Broad support for using the less-expensive Golden Lion has been growing among Assembly members, including more conservative members generally viewed as allies of Bronson. It’s also risen among many city residents. Frustrations amassed this summer while the building remained empty as more than 200 people lived unsheltered with few resources in wet, muddy conditions at Centennial — and as the city ceased clearing the multitude of unsanctioned homeless camps scattered through Anchorage’s green spaces because it had no shelter to direct people into.
Bronson has also pushed for the city to fast-track its construction of a 150-person shelter and navigation center in a tensioned-fabric structure in East Anchorage and to open it for partial occupancy this winter, before it is completed.
The future of that project is now tenuous and construction delayed, with the Assembly set to vote on whether to update the construction contract with $4.9 million in funding needed to continue work. Even if that is approved and work resumes, it will not be ready for partial occupancy until early next year, according to administration officials.
The mayor initially proposed the project to shelter up to a thousand people with a navigation center providing support resources onsite to help people move into supportive and permanent housing. Assembly members ultimately downsized that idea, concerned with its considerable costs and well-being of potential clients in such a large shelter.
That project is also linked to the fate of the Golden Lion, as Assembly members made its funding contingent on a firm written commitment from Bronson to pursue using the former hotel as a substance abuse treatment facility. Many members say he hasn’t met that condition, though the administration argues it did give serious consideration to the proposal.

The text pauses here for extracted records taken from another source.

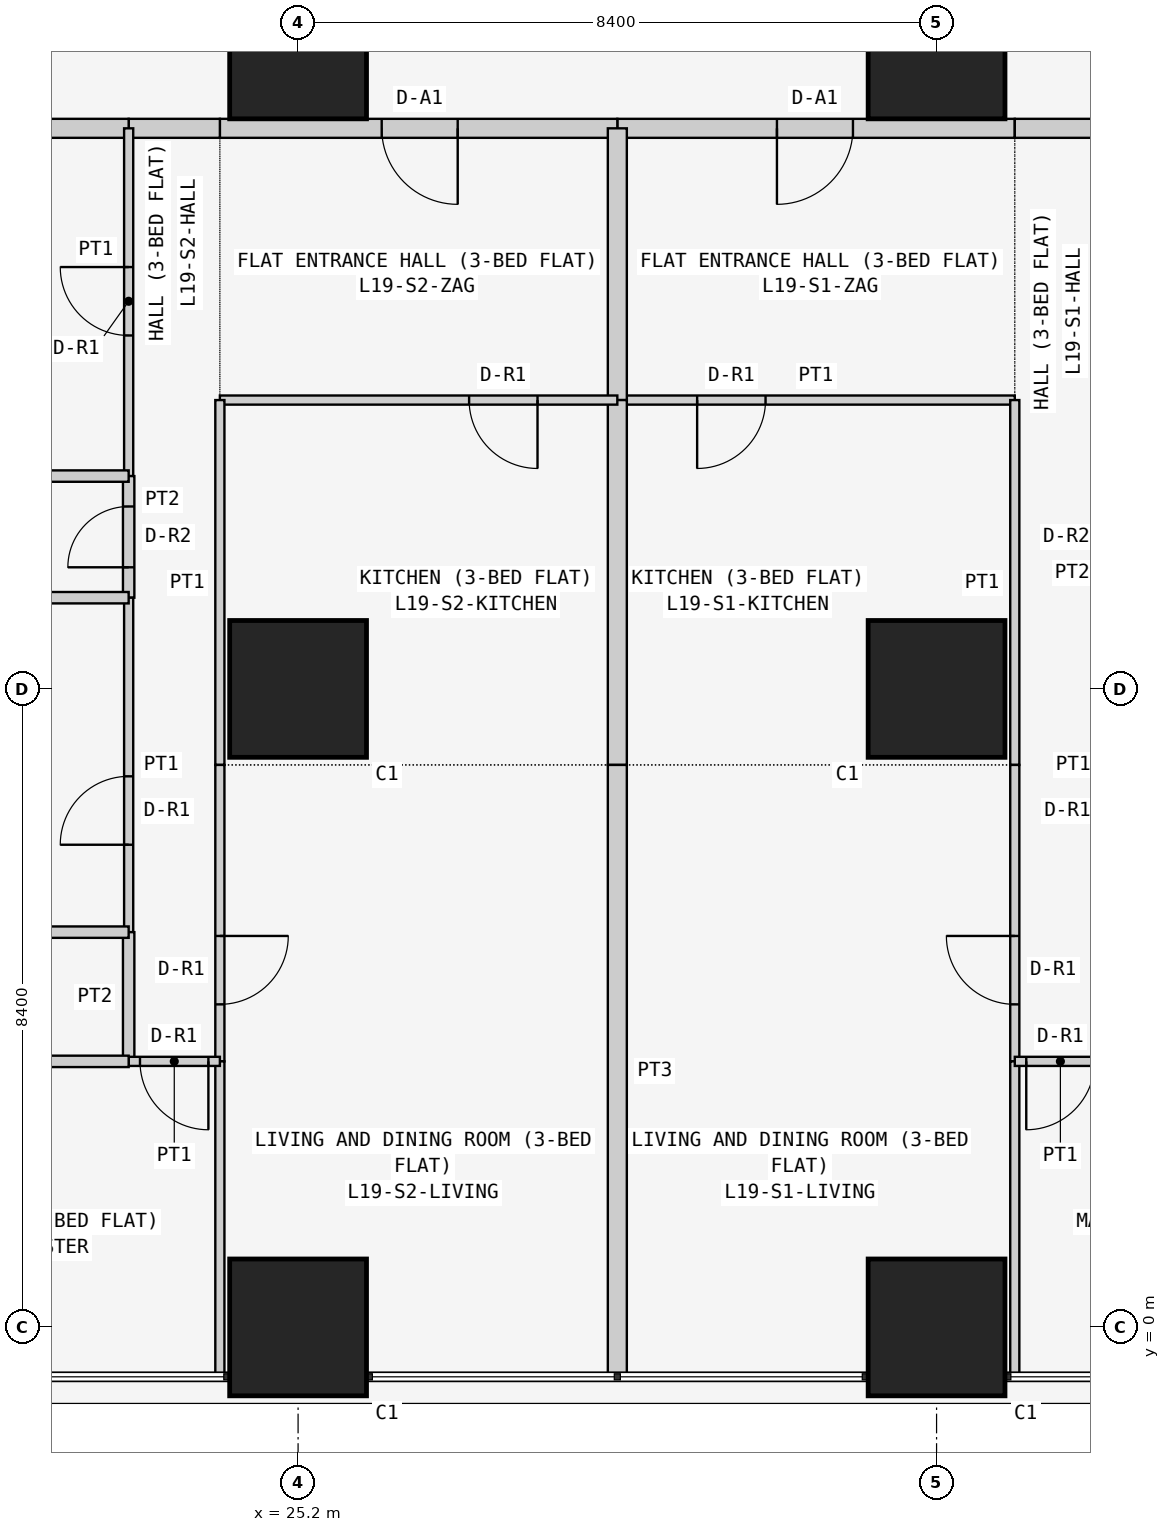
"""IFC4 building model, lengths in metres.
Left out: names, types, materials, properties, quantities, classifications, styles, units other than length and angle.
Written with IfcOpenShell. Run it as: python <this file> out.ifc"""

import sys

from ifc_helpers import new_model, si_unit, direction, frame, frame_2d, origin, origin_2d, place, context, subcontext, project, spatial, rectangle, extrude, element, fill, save


model = new_model("IFC4")
c1 = context("Model", 3, precision=1e-05, world=origin(), true_north=direction((0.0, 1.0)))
c2 = subcontext(c1, "Body", "Model", "MODEL_VIEW")
j1 = project(units=[si_unit("LENGTHUNIT", "METRE"), si_unit("PLANEANGLEUNIT", "RADIAN")], contexts=[c1])
p1 = place(None, origin())
s1 = spatial("IfcSite", under=j1, at=p1, CompositionType="ELEMENT")
p2 = place(p1, origin())
s2 = spatial("IfcBuilding", under=s1, at=p2, CompositionType="ELEMENT")
p3 = place(p2, frame((0.0, 0.0, 77.7)))
s3 = spatial("IfcBuildingStorey", under=s2, at=p3, CompositionType="ELEMENT", Elevation=77.7)
for number, where, z_axis, x_axis in (
    (1, (25.2, 0.0, 0.0), (0.0, 0.0, 1.0), (1.0, 0.0, 0.0)),
    (2, (25.2, 8.4, 0.0), (0.0, 0.0, 1.0), (1.0, 0.0, 0.0)),
    (3, (25.2, 16.8, 0.0), (0.0, 0.0, 1.0), (1.0, 0.0, 0.0)),
    (4, (33.6, 0.0, 0.0), (0.0, 0.0, 1.0), (1.0, 0.0, 0.0)),
    (5, (33.6, 8.4, 0.0), (0.0, 0.0, 1.0), (1.0, 0.0, 0.0)),
    (6, (33.6, 16.8, 0.0), (0.0, 0.0, 1.0), (1.0, 0.0, 0.0)),
):
    element("IfcColumn", number, at=place(p3, frame(where, z_axis=z_axis, x_axis=x_axis)), inside=s3, PredefinedType="COLUMN", context=c2, shape_type="SweptSolid", body=[
        extrude(rectangle(XDim=1.8, YDim=1.8, at=origin_2d()), origin(), (0.0, 0.0, 1.0), 3.6),
    ])
p4 = place(p3, frame((34.629, 15.775, 0.0), z_axis=(0.0, 0.0, 1.0), x_axis=(-1.0, 0.0, 0.0)))
e7 = element("IfcWall", 7, at=p4, inside=s3, PredefinedType="PARTITIONING", context=c2, shape_type="SweptSolid", body=[
    extrude(rectangle(XDim=5.229, YDim=0.25, at=frame_2d((2.615, 0.0))), origin(), (0.0, 0.0, 1.0), 3.45),
])
p5 = place(p4, frame((2.129, 0.0, 0.0)))
e8 = element("IfcOpeningElement", 8, at=p5, cuts=e7, PredefinedType="OPENING", context=c2, shape_type="SweptSolid", body=[
    extrude(rectangle(XDim=1.0, YDim=2.1, at=frame_2d((0.5, 1.05))), frame((0.0, 0.135, 0.0), z_axis=(0.0, -1.0, 0.0), x_axis=(1.0, 0.0, 0.0)), (0.0, 0.0, 1.0), 0.27),
])
p6 = place(p3, frame((35.829, 15.775, 0.0), z_axis=(0.0, 0.0, 1.0), x_axis=(-1.0, 0.0, 0.0)))
e9 = element("IfcWall", 9, at=p6, inside=s3, PredefinedType="PARTITIONING", context=c2, shape_type="SweptSolid", body=[
    extrude(rectangle(XDim=1.2, YDim=0.25, at=frame_2d((0.6, 0.0))), origin(), (0.0, 0.0, 1.0), 3.45),
])
p7 = place(p3, frame((29.4, 15.775, 0.0), z_axis=(0.0, 0.0, 1.0), x_axis=(-1.0, 0.0, 0.0)))
e10 = element("IfcWall", 10, at=p7, inside=s3, PredefinedType="PARTITIONING", context=c2, shape_type="SweptSolid", body=[
    extrude(rectangle(XDim=5.229, YDim=0.25, at=frame_2d((2.615, 0.0))), origin(), (0.0, 0.0, 1.0), 3.45),
])
p8 = place(p7, frame((2.1, 0.0, 0.0)))
e11 = element("IfcOpeningElement", 11, at=p8, cuts=e10, PredefinedType="OPENING", context=c2, shape_type="SweptSolid", body=[
    extrude(rectangle(XDim=1.0, YDim=2.1, at=frame_2d((0.5, 1.05))), frame((0.0, 0.135, 0.0), z_axis=(0.0, -1.0, 0.0), x_axis=(1.0, 0.0, 0.0)), (0.0, 0.0, 1.0), 0.27),
])
p9 = place(p3, frame((24.171, 15.775, 0.0), z_axis=(0.0, 0.0, 1.0), x_axis=(-1.0, 0.0, 0.0)))
e12 = element("IfcWall", 12, at=p9, inside=s3, PredefinedType="PARTITIONING", context=c2, shape_type="SweptSolid", body=[
    extrude(rectangle(XDim=1.2, YDim=0.25, at=frame_2d((0.6, 0.0))), origin(), (0.0, 0.0, 1.0), 3.45),
])
p10 = place(p3, frame((22.971, 15.775, 0.0), z_axis=(0.0, 0.0, 1.0), x_axis=(-1.0, 0.0, 0.0)))
e13 = element("IfcWall", 13, at=p10, inside=s3, PredefinedType="PARTITIONING", context=c2, shape_type="SweptSolid", body=[
    extrude(rectangle(XDim=6.871, YDim=0.25, at=frame_2d((3.436, 0.0))), origin(), (0.0, 0.0, 1.0), 3.45),
])
p11 = place(p3, frame((29.4, 12.2, 0.0), z_axis=(0.0, 0.0, 1.0), x_axis=(1.0, 0.0, 0.0)))
e14 = element("IfcWall", 14, at=p11, inside=s3, PredefinedType="PARTITIONING", context=c2, shape_type="SweptSolid", body=[
    extrude(rectangle(XDim=5.229, YDim=0.12, at=frame_2d((2.615, 0.0))), origin(), (0.0, 0.0, 1.0), 3.45),
])
p12 = place(p11, frame((1.05, 0.0, 0.0)))
e15 = element("IfcOpeningElement", 15, at=p12, cuts=e14, PredefinedType="OPENING", context=c2, shape_type="SweptSolid", body=[
    extrude(rectangle(XDim=0.9, YDim=2.1, at=frame_2d((0.45, 1.05))), frame((0.0, 0.07, 0.0), z_axis=(0.0, -1.0, 0.0), x_axis=(1.0, 0.0, 0.0)), (0.0, 0.0, 1.0), 0.14),
])
p13 = place(p3, frame((29.4, 15.775, 0.0), z_axis=(0.0, 0.0, 1.0), x_axis=(0.0, -1.0, 0.0)))
e16 = element("IfcWall", 16, at=p13, inside=s3, PredefinedType="PARTITIONING", context=c2, shape_type="SweptSolid", body=[
    extrude(rectangle(XDim=3.575, YDim=0.25, at=frame_2d((1.788, 0.0))), origin(), (0.0, 0.0, 1.0), 2.848),
])
p14 = place(p3, frame((34.629, 7.4, 0.0), z_axis=(0.0, 0.0, 1.0), x_axis=(0.0, 1.0, 0.0)))
e17 = element("IfcWall", 17, at=p14, inside=s3, PredefinedType="PARTITIONING", context=c2, shape_type="SweptSolid", body=[
    extrude(rectangle(XDim=4.8, YDim=0.12, at=frame_2d((2.4, 0.0))), origin(), (0.0, 0.0, 1.0), 3.45),
])
p15 = place(p3, frame((29.4, 12.2, 0.0), z_axis=(0.0, 0.0, 1.0), x_axis=(0.0, -1.0, 0.0)))
e18 = element("IfcWall", 18, at=p15, inside=s3, PredefinedType="PARTITIONING", context=c2, shape_type="SweptSolid", body=[
    extrude(rectangle(XDim=4.8, YDim=0.25, at=frame_2d((2.4, 0.0))), origin(), (0.0, 0.0, 1.0), 2.848),
])
p16 = place(p3, frame((34.629, 3.5, 0.0), z_axis=(0.0, 0.0, 1.0), x_axis=(0.0, 1.0, 0.0)))
e19 = element("IfcWall", 19, at=p16, inside=s3, PredefinedType="PARTITIONING", context=c2, shape_type="SweptSolid", body=[
    extrude(rectangle(XDim=3.9, YDim=0.12, at=frame_2d((1.95, 0.0))), origin(), (0.0, 0.0, 1.0), 3.45),
])
p17 = place(p16, frame((0.75, 0.0, 0.0)))
e20 = element("IfcOpeningElement", 20, at=p17, cuts=e19, PredefinedType="OPENING", context=c2, shape_type="SweptSolid", body=[
    extrude(rectangle(XDim=0.9, YDim=2.1, at=frame_2d((0.45, 1.05))), frame((0.0, 0.07, 0.0), z_axis=(0.0, -1.0, 0.0), x_axis=(1.0, 0.0, 0.0)), (0.0, 0.0, 1.0), 0.14),
])
p18 = place(p3, frame((34.629, -0.65, 0.0), z_axis=(0.0, 0.0, 1.0), x_axis=(0.0, 1.0, 0.0)))
e21 = element("IfcWall", 21, at=p18, inside=s3, PredefinedType="PARTITIONING", context=c2, shape_type="SweptSolid", body=[
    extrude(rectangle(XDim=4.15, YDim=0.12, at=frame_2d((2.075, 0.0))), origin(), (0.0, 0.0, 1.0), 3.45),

Last month, as pressure from Assembly members to move forward continued, Bronson announced he is not considering a treatment facility in the building because of a planned $100 million state transportation project at the Seward Highway and 36th Avenue. The project is not yet funded or in the state’s transportation improvement program and is in the very beginning stages of development. In five years’ time is the earliest construction could begin, according to an Alaska Department of Transportation spokesman.
State transportation officials sent a letter to the city about the project and its potential impact on the Golden Lion in response to an inquiry in August from the mayor’s office. Officials in the letter said the project would affect the property and has a “high likelihood” of a “total take of the property.” Previous public documents on the project and several past statements from department officials indicated only the parking area would be affected.
Assembly members say they intend to dig into the state department’s sudden shift and that the Golden Lion should be used for housing and substance abuse treatment in the meantime.